Был такой фильм про милицию, назывался «Город принял». Там показано, как ночью встречаются две неотложные службы: медицинская и милицейская. Пустынная ночная улица, рафик и газик, очень трогательно. Из газика в рафик передают роженицу. Или наоборот, из рафика в газик, не помню. Я это к тому вспоминаю, что в работе милиции и дежурной медицинской службы в самом деле много общего. Вот, например, вечный вопрос территории: чья она? Ну, это можно долго обсуждать.

А этот, к несчастью, лежит и не уползает. Время суток: двадцать три ноль-ноль. Спать пора, но я уже начинаю кое-что понимать и догадываться, что сон мне не грозит. Лежит человек. Четыре ватника. Черная обувь. Штаны (пока не знаю, сколько). Треух. Борода. Лет — может, сорок, может — семьдесят. Пахнет так, что вопроса пил-не пил не возникает и хочется спросить, что еще делал, кроме как пил. Все это — на лавочке. Без бумаг и документов.
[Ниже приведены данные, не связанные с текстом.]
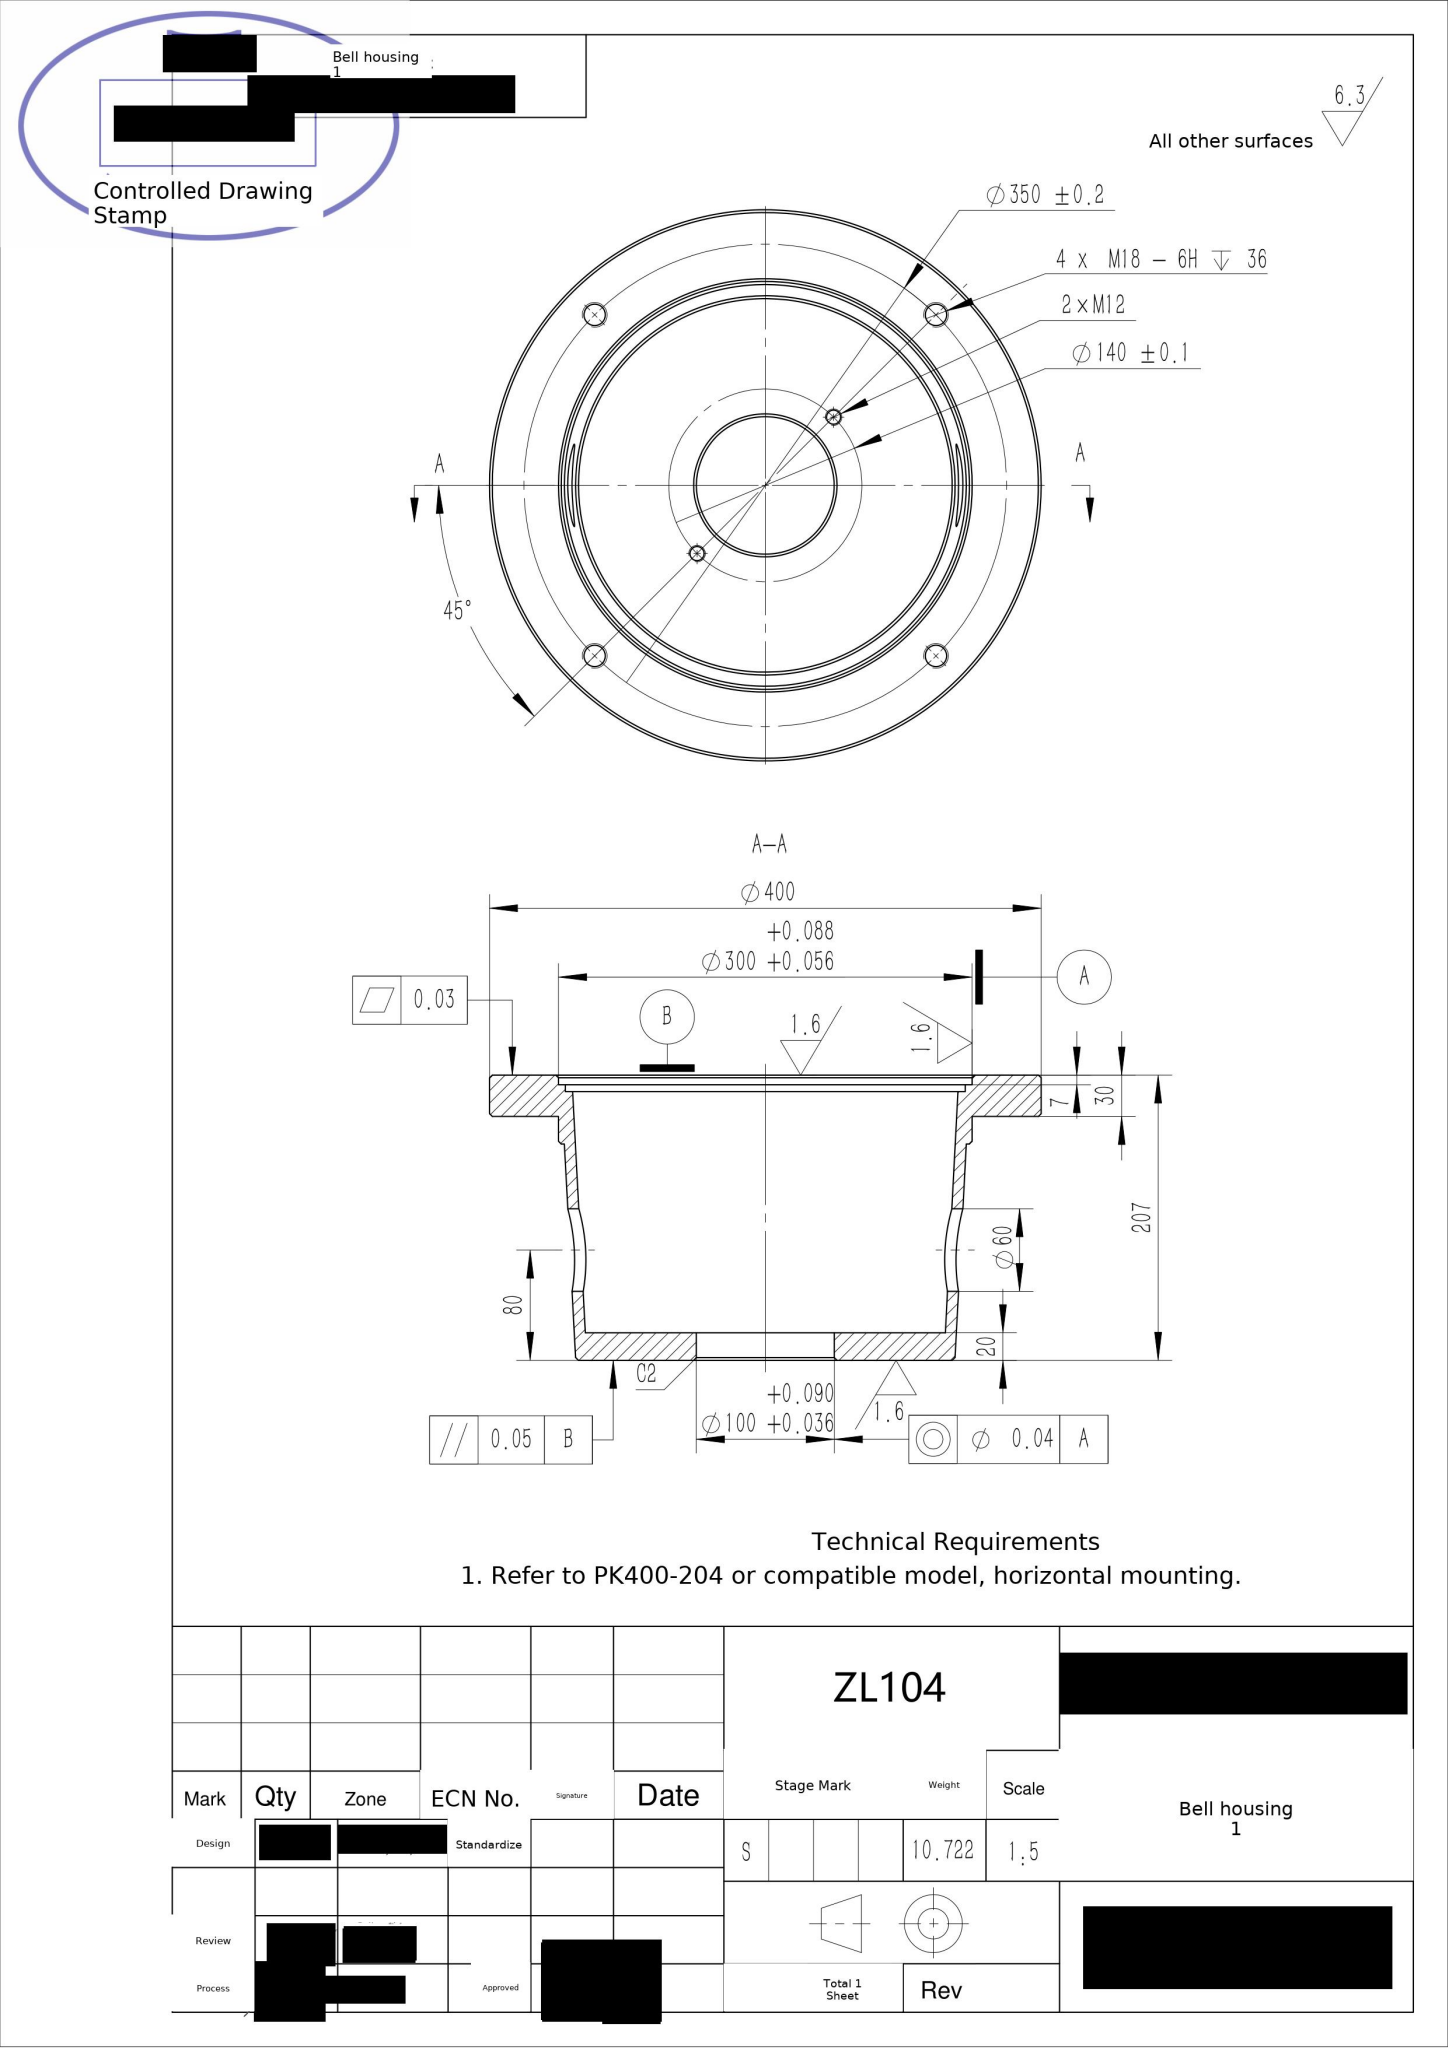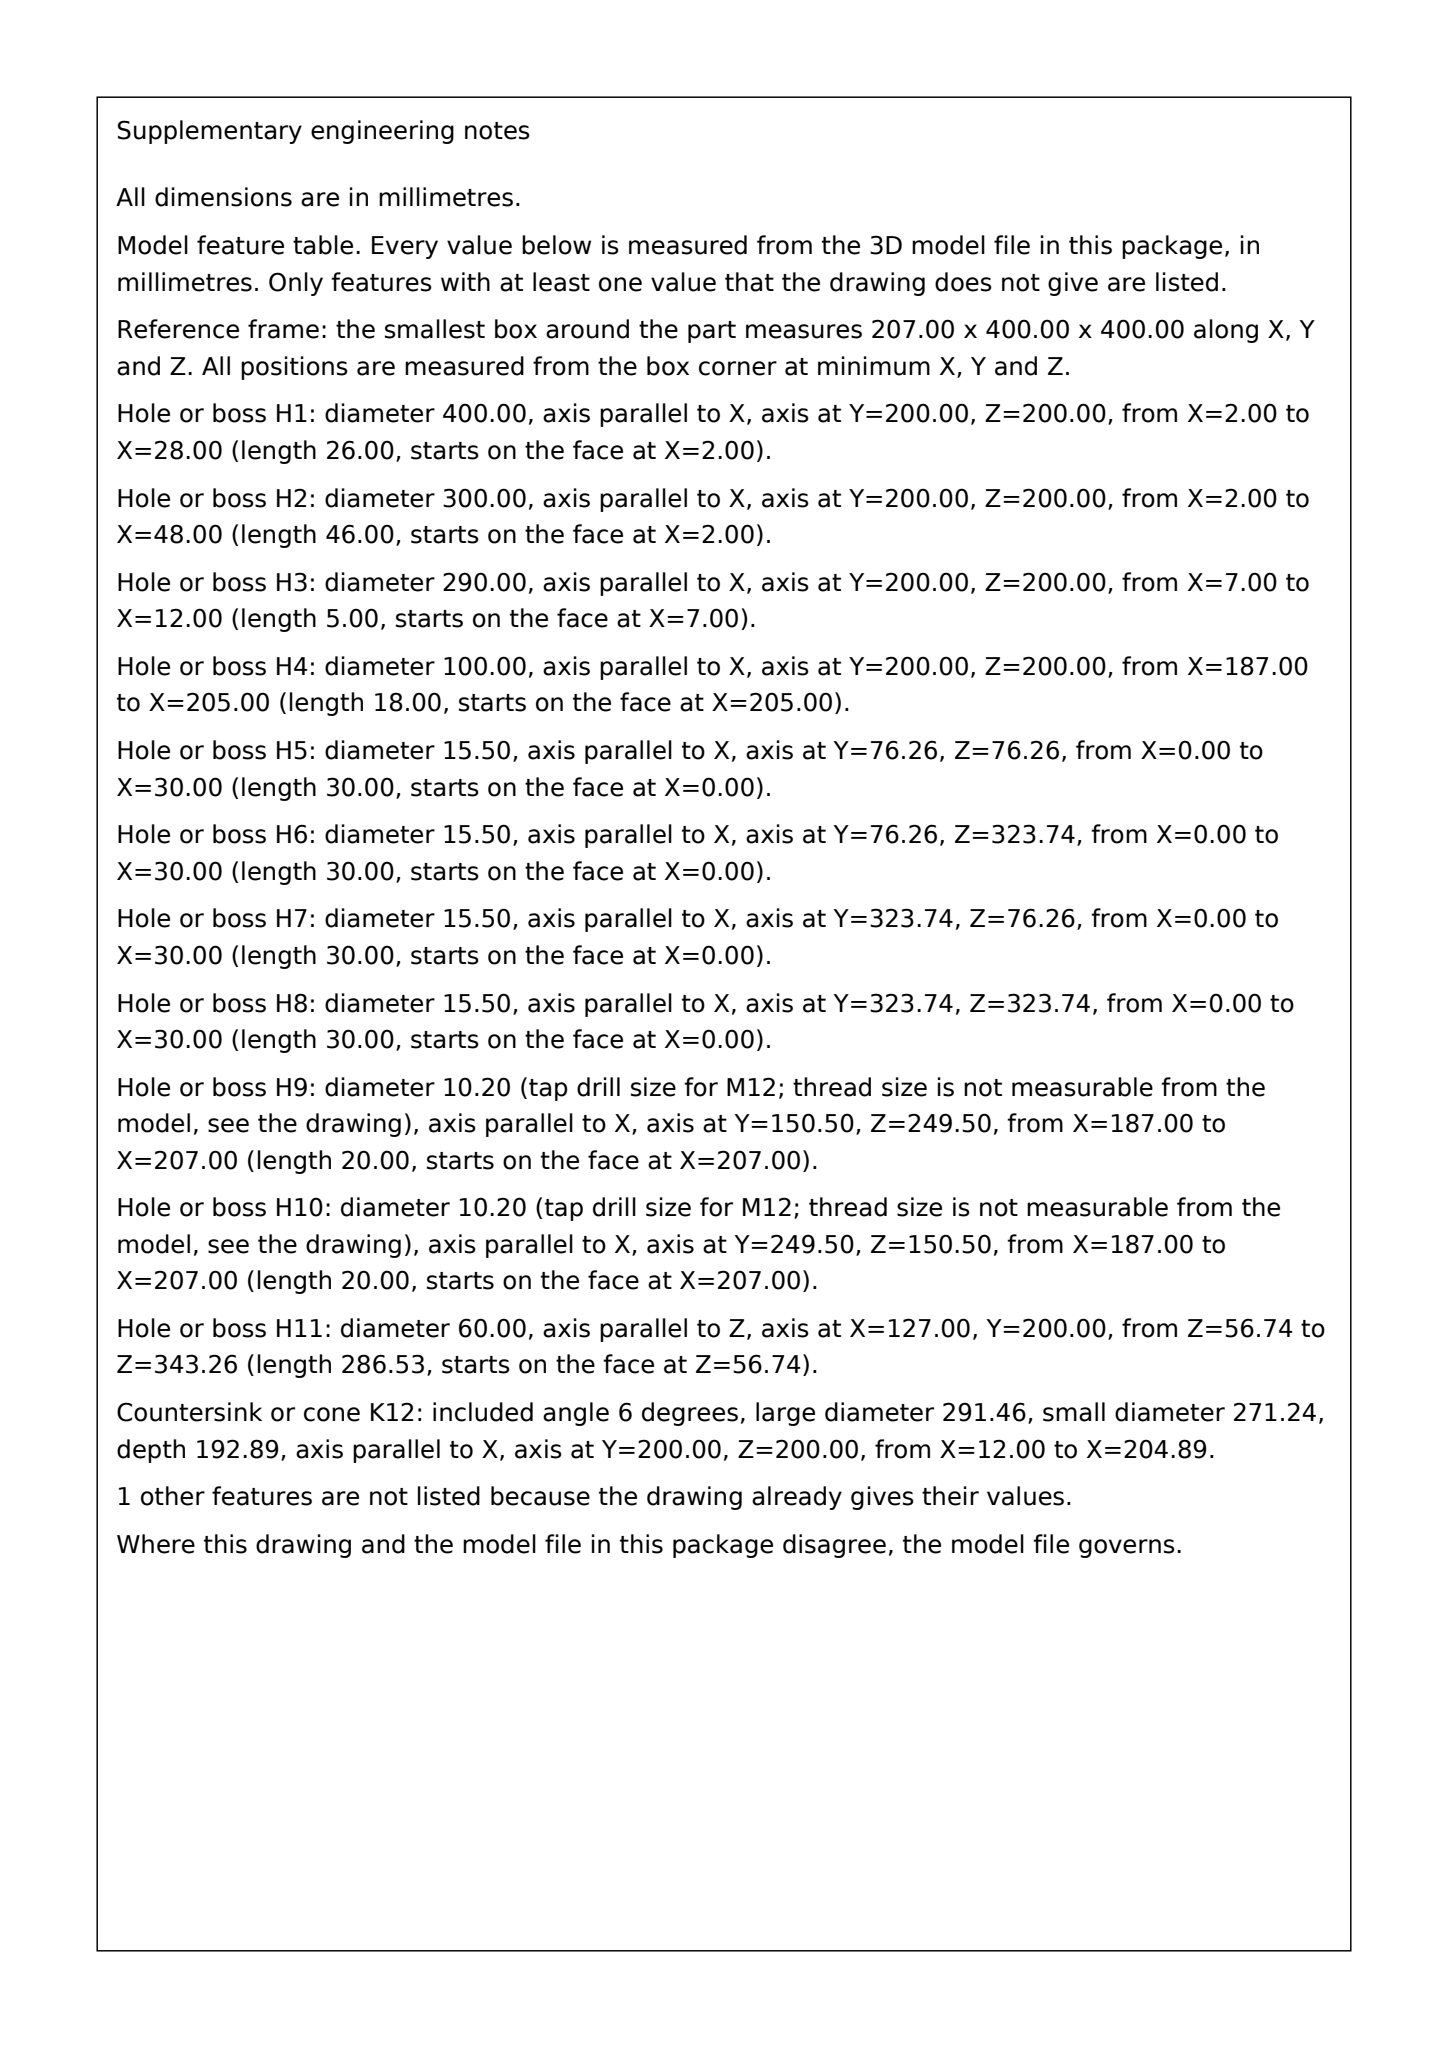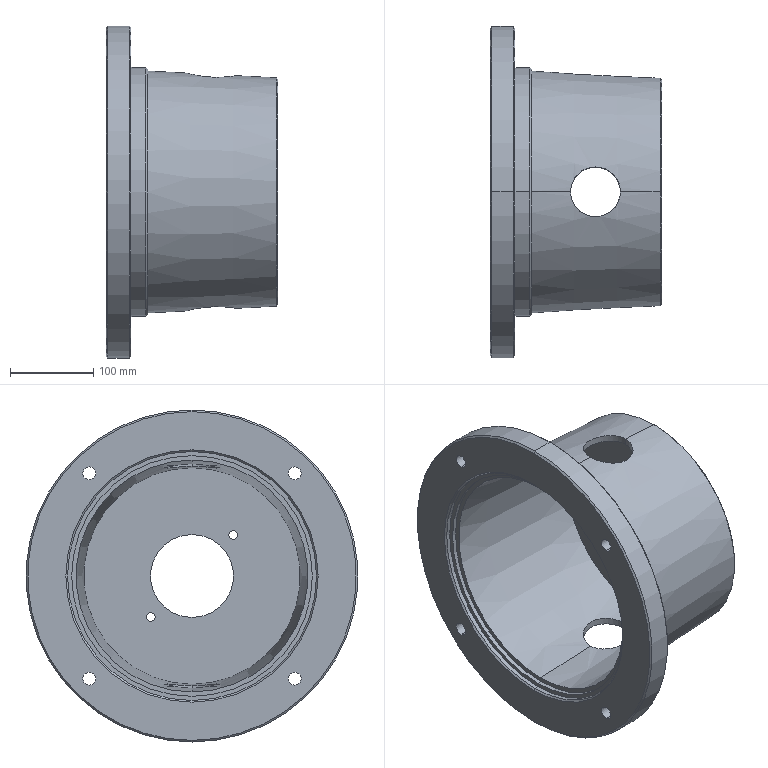Part | SolidWorks | mm | material ZL104 | 1 solid | 49 faces | box 207 x 400 x 400 mm | volume 3971271 mm3 | cylinder 26 | cone 16 | plane 7 | commonest cylinder face diameters 15.5 x8 10.2 x4 60 x4 300 x4 290 x2 100 x2 400 x2

Лежит. Дежурная смена смотрит телевизор. Я один, стою над ним, сжимая в кулачке неврологический молоток. Я должен проверить его рефлексы. Прямо через ватник, штаны, ботинки и бороду. Если не нравится, могу раздеть, никто не возражает. Никого другого этот изысканный стриптиз, естественно, не касается.